Indiana Social Security Lawyer Scott Lewis Answers Questions About Returning To Work During The Claims Process

Indianapolis disability attorney Scott Lewis fields occasional telephone calls from his Indiana disability clients asking what the ramifications will be if they try to reenter the workforce.  As fundamental as it may sound, the facts of a particular case always matter.  Many Indiana residents are finding they are having a difficult time putting food on the table for themselves and their families during a very lengthy application and appeals process.  A few topics Indianapolis disability attorney Scott D. Lewis may encounter may include:

  • Are you considering a full time or part time job?  If your disabling condition(s) do not permit you to work full time, but you think you may be able to work part time, you may be interested in a term call “Substantial Gainful Activity” or “SGA”.  This is an amount the Social Security Administration determines as earnings you can make on a monthly basis and still be entitled to disability benefits.  SGA for 2010 is $1,640.00/month for statutorily blind individuals and $1,000.00/month for non-blind individuals.  There are different criteria for those receiving Supplemental Security Income (SSI) concerning blind individuals.
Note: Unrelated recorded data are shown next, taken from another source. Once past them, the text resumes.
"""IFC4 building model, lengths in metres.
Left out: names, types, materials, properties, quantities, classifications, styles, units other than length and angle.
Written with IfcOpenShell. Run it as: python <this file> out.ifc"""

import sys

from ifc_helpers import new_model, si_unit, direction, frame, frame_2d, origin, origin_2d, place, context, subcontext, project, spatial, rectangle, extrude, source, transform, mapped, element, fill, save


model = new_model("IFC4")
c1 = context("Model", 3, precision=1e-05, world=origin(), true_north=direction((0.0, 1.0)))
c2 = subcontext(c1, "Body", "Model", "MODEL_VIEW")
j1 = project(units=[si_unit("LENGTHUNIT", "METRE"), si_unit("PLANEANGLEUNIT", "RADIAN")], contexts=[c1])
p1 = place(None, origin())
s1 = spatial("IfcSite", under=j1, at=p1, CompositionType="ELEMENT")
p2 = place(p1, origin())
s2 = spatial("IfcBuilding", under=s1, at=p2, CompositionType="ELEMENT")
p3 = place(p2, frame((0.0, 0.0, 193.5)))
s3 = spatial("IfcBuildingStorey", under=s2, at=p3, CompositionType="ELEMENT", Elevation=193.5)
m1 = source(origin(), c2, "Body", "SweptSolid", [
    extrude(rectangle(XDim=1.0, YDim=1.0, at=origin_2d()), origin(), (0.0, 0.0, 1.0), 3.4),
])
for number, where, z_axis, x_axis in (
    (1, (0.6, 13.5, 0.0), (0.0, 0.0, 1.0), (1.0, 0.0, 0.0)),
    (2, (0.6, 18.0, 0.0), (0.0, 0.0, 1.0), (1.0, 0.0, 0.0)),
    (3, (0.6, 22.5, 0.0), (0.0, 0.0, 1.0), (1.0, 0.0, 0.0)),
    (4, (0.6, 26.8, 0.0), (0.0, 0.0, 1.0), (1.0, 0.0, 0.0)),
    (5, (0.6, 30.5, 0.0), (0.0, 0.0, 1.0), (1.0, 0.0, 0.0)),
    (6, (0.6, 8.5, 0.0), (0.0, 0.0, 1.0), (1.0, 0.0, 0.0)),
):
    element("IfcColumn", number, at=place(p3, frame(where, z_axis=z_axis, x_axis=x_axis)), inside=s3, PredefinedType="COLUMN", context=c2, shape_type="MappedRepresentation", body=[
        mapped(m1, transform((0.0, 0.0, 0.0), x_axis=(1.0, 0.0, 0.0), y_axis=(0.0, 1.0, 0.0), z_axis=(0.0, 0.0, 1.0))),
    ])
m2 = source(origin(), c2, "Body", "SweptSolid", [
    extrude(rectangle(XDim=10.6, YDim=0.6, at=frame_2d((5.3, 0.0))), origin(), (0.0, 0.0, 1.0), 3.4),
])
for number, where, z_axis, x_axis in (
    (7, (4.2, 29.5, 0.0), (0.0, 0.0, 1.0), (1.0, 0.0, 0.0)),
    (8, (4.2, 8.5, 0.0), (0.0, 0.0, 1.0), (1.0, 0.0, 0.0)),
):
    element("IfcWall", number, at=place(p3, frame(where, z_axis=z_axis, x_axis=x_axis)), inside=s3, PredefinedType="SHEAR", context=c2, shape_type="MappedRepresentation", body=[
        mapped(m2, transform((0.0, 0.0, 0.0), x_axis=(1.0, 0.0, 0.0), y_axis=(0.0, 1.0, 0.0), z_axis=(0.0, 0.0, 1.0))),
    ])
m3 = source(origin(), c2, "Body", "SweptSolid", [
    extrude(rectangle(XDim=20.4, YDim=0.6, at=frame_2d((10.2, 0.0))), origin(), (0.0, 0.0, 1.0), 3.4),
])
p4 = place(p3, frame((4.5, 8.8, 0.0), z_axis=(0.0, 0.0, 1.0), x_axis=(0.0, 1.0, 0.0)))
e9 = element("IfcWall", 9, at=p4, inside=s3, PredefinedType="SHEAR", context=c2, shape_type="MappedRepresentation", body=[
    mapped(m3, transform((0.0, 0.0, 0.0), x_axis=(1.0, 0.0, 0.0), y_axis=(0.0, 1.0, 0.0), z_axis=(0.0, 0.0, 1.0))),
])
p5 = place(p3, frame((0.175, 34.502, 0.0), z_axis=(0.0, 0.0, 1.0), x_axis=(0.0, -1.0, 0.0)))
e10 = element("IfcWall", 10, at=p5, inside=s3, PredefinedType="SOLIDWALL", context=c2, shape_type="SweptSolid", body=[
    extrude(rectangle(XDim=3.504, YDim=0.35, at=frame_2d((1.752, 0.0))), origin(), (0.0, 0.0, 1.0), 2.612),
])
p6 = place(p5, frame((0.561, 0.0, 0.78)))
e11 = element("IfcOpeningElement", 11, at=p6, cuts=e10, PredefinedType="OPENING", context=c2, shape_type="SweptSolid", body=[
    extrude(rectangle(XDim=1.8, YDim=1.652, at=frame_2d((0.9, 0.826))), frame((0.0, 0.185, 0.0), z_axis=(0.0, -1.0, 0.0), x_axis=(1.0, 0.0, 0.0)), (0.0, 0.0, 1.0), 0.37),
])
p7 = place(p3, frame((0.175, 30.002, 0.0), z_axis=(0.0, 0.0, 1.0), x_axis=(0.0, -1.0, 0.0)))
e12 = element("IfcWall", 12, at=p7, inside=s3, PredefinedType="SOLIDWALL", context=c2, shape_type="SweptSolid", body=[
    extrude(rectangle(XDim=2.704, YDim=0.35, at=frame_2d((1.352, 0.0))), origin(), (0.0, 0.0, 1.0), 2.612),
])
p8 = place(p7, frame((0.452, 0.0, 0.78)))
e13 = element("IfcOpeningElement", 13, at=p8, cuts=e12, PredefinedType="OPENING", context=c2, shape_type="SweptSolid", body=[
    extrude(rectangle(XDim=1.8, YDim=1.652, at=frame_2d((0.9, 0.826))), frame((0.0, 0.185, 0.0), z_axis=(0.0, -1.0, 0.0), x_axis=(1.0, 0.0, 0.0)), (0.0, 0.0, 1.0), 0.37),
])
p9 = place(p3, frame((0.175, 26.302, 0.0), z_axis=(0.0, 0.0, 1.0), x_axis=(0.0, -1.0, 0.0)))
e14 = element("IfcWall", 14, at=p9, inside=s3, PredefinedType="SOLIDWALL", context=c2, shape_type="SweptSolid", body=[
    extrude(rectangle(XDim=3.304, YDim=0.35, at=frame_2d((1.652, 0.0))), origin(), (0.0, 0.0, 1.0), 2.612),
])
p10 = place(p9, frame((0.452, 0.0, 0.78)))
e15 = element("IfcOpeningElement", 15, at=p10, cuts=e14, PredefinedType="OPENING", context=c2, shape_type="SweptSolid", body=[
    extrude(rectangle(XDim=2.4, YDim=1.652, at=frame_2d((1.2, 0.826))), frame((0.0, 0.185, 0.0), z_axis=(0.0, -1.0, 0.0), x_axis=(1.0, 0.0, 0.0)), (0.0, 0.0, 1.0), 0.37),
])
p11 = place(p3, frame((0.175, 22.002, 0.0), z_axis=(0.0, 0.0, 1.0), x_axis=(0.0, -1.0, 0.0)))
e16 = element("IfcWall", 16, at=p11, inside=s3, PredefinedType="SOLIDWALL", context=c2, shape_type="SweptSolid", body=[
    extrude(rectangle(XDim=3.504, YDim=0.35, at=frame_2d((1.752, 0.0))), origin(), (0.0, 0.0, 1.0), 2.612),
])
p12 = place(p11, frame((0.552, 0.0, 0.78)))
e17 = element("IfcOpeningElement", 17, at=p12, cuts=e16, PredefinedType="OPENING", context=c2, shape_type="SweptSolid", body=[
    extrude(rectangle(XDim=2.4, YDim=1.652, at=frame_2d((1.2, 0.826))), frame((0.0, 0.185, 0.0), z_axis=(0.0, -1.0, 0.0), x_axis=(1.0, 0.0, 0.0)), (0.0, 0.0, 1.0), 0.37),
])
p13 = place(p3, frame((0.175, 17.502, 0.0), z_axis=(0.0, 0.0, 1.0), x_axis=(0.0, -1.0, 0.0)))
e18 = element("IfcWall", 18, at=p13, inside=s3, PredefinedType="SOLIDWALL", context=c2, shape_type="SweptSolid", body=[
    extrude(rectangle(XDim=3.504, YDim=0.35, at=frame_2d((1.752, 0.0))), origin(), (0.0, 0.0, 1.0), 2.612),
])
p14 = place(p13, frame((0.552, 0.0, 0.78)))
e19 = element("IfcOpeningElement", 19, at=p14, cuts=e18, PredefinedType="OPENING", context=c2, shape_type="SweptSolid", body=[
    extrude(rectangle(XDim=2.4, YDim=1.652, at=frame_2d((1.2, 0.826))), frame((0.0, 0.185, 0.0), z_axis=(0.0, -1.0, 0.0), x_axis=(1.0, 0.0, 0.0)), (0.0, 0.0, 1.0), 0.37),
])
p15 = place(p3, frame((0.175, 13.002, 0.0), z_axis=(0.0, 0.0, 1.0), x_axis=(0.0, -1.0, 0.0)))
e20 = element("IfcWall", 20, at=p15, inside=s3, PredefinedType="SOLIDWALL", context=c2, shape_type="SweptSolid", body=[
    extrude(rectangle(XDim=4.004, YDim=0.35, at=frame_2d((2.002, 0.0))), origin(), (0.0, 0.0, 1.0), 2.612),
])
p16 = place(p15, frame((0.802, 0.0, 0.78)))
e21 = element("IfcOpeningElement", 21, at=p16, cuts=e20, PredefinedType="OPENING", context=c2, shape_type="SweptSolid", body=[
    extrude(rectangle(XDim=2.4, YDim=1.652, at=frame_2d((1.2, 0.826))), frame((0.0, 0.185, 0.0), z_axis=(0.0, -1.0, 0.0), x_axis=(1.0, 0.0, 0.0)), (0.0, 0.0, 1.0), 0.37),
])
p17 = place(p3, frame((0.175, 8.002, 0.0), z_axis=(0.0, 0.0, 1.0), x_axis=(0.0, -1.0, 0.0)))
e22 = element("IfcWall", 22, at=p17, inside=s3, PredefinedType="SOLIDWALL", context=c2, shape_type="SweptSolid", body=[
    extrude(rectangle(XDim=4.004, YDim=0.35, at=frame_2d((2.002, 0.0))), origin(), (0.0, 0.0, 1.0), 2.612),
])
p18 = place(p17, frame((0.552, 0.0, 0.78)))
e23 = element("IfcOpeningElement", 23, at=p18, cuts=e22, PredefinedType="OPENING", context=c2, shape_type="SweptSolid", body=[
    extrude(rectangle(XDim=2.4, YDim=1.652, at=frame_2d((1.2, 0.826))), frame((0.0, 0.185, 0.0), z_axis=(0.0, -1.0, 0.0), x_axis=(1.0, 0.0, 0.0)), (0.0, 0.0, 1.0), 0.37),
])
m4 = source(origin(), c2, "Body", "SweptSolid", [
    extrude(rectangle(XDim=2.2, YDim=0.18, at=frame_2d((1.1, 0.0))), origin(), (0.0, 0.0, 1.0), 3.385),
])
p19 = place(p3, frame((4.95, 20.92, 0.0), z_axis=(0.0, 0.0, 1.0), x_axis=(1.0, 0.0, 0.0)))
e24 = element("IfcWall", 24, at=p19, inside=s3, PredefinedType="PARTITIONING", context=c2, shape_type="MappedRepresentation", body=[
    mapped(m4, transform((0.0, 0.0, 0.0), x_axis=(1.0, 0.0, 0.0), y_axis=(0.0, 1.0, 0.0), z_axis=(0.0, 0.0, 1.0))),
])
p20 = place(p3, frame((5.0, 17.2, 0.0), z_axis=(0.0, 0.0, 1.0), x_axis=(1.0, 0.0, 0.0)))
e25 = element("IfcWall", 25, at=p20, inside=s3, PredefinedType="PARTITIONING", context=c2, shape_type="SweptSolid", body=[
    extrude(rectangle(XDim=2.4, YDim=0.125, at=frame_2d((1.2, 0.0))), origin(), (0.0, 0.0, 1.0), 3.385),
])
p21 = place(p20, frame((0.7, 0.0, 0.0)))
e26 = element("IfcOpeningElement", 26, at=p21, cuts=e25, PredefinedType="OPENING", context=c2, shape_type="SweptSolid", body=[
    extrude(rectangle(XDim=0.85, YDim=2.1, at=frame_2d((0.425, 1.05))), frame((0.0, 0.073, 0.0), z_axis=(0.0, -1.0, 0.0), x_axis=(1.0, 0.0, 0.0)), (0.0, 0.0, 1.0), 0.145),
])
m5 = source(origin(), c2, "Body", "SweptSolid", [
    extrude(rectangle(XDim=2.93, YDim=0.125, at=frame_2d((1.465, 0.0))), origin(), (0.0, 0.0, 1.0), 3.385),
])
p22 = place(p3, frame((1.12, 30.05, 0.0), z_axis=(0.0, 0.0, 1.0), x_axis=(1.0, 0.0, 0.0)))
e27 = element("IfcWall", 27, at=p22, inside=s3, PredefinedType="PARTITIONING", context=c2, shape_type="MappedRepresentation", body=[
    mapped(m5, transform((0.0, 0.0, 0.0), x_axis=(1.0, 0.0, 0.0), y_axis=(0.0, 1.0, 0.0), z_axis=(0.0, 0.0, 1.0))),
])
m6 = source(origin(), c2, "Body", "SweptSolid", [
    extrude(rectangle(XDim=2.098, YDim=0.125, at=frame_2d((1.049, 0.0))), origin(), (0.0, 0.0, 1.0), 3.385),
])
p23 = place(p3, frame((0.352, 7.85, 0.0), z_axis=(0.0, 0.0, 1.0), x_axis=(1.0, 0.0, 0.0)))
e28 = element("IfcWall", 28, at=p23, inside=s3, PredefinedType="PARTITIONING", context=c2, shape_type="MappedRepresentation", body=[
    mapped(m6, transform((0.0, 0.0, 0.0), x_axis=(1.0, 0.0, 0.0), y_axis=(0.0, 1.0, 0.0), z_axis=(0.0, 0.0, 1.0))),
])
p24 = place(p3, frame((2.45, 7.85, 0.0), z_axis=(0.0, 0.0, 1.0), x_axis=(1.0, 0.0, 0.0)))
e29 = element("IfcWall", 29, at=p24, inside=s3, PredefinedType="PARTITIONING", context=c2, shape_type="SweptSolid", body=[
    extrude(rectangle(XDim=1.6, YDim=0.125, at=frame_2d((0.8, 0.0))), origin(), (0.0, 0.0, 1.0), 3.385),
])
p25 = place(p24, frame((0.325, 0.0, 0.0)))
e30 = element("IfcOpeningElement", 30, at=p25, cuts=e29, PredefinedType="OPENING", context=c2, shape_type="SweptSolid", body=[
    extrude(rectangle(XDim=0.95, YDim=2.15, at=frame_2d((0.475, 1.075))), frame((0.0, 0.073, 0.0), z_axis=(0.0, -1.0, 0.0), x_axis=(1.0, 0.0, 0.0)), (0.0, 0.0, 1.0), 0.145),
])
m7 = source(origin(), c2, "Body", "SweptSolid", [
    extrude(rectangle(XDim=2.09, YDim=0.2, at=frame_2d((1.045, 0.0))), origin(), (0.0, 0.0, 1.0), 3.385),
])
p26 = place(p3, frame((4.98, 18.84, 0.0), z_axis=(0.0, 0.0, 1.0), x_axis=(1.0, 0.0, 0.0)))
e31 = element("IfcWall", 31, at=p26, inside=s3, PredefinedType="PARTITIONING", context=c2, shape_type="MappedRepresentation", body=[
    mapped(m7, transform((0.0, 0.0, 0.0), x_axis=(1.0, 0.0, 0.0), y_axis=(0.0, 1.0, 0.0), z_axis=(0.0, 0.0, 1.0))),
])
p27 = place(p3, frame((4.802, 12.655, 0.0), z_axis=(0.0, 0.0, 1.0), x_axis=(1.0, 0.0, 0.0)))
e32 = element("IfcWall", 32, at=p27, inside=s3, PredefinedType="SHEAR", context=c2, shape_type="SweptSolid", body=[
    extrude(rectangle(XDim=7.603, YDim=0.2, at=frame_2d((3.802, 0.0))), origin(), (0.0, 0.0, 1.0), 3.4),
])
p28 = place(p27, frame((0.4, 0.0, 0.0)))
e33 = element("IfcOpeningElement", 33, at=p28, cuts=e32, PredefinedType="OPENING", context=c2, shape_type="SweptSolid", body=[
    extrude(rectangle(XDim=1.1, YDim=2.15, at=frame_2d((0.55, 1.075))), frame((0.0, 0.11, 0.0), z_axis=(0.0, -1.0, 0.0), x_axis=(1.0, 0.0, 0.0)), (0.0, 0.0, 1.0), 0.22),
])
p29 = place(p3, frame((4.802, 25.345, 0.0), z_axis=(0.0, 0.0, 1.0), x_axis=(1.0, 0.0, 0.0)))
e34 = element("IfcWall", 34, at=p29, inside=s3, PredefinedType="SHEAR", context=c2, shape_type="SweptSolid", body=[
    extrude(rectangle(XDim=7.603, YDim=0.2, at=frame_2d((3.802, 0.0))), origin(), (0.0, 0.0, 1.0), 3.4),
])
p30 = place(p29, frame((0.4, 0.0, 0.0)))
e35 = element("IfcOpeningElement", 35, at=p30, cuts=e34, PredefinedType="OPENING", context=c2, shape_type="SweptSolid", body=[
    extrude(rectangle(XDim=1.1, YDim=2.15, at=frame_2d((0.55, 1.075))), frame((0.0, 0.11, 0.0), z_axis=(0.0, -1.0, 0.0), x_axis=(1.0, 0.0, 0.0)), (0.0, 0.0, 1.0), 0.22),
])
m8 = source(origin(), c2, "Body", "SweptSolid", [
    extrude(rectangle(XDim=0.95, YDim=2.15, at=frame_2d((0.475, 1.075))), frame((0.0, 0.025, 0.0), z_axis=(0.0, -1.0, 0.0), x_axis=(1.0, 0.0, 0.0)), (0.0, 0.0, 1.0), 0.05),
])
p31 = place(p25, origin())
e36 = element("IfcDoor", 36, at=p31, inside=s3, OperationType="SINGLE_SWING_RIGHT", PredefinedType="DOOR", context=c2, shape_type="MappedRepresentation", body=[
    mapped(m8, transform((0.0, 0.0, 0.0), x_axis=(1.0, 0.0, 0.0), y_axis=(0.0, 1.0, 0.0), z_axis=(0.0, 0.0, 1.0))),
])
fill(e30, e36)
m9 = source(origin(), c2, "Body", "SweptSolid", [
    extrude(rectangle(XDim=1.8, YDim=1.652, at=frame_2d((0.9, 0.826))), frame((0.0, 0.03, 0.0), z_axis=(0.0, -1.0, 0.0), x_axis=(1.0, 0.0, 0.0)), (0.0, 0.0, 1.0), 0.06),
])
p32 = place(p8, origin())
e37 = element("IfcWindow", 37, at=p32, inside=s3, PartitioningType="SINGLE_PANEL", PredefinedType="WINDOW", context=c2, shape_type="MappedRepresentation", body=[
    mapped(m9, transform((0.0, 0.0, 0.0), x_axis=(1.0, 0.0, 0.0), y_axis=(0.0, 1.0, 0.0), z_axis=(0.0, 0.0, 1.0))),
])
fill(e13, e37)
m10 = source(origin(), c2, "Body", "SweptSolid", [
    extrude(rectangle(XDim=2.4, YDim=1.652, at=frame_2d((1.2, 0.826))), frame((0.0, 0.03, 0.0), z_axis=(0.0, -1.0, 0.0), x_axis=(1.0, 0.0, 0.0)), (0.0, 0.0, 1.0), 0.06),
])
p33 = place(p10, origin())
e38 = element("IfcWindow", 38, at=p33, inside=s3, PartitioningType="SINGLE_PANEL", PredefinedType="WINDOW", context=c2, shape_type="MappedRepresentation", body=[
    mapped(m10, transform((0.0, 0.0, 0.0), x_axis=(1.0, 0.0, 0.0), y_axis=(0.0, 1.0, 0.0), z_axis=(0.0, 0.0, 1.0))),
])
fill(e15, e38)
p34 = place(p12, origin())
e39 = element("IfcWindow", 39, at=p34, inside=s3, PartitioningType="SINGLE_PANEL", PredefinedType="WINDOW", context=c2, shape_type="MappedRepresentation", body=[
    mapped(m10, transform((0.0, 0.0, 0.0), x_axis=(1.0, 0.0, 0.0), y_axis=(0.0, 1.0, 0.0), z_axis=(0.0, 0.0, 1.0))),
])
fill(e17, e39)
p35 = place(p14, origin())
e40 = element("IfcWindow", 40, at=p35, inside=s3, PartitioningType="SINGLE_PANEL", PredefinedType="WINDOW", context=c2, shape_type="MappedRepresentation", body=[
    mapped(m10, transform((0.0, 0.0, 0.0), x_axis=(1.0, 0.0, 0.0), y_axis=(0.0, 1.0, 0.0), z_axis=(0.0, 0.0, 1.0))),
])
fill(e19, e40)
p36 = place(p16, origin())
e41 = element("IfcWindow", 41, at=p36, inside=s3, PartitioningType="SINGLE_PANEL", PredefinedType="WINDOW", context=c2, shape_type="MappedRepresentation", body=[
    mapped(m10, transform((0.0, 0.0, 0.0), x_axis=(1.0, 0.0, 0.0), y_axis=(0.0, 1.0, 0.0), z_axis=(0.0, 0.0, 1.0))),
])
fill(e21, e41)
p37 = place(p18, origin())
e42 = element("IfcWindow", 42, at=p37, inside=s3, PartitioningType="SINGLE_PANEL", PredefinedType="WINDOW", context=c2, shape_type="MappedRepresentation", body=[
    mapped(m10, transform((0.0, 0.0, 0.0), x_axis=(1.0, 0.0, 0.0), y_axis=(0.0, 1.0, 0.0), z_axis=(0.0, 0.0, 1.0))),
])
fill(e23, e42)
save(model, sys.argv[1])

It appears these amounts will also be valid for 2011, but more information concerning SGA can be found on the Social Security Administration’s website.
  • Should you withdraw your claim for either Social Security Disability Insurance (SSDI) or Supplemental Security Income (SSI) benefits as soon as you start back to work?  Indianapolis disability lawyer Scott D. Lewis usually advises his clients to wait and see if they are actually able to perform a full-time job or a job that creates more than the SGA for a number of months before withdrawing their claim. Many times, individuals believe they can work but find their condition prevents them from performing substantial gainful activity. If you have been waiting for an Indiana Social Security disability appeals hearing for an extended period of time, the thought of withdrawing your claim just to find out that you cannot work when you thought you could, may wind up putting you at the beginning of the application process and extend the time you have to wait for your appeal to be heard.
  • When asked by his clients if they should work, Attorney Scott D. Lewis tells his clients if they can work they should.  Social Security disability payments are not going to make you rich.  Many individuals are surprised to find the amount they receive; especially from Supplemental Security Income (SSI) is a very low amount.  This low amount can make it very difficult to feed yourself much less other family members. The mere thought you may be content and able to make ends meet on this low disability payment may make one reconsider how much pain they can endure to feed and put a roof over the heads of their families.

The above are just a few issues brought up by Mr. Lewis’ clients when considering reentering the workforce.  Every case is different and involves different fact scenarios.  The aforementioned is not intended as legal advice and you should contact the Social Security Administration or retain an attorney or representative to receive legal advice.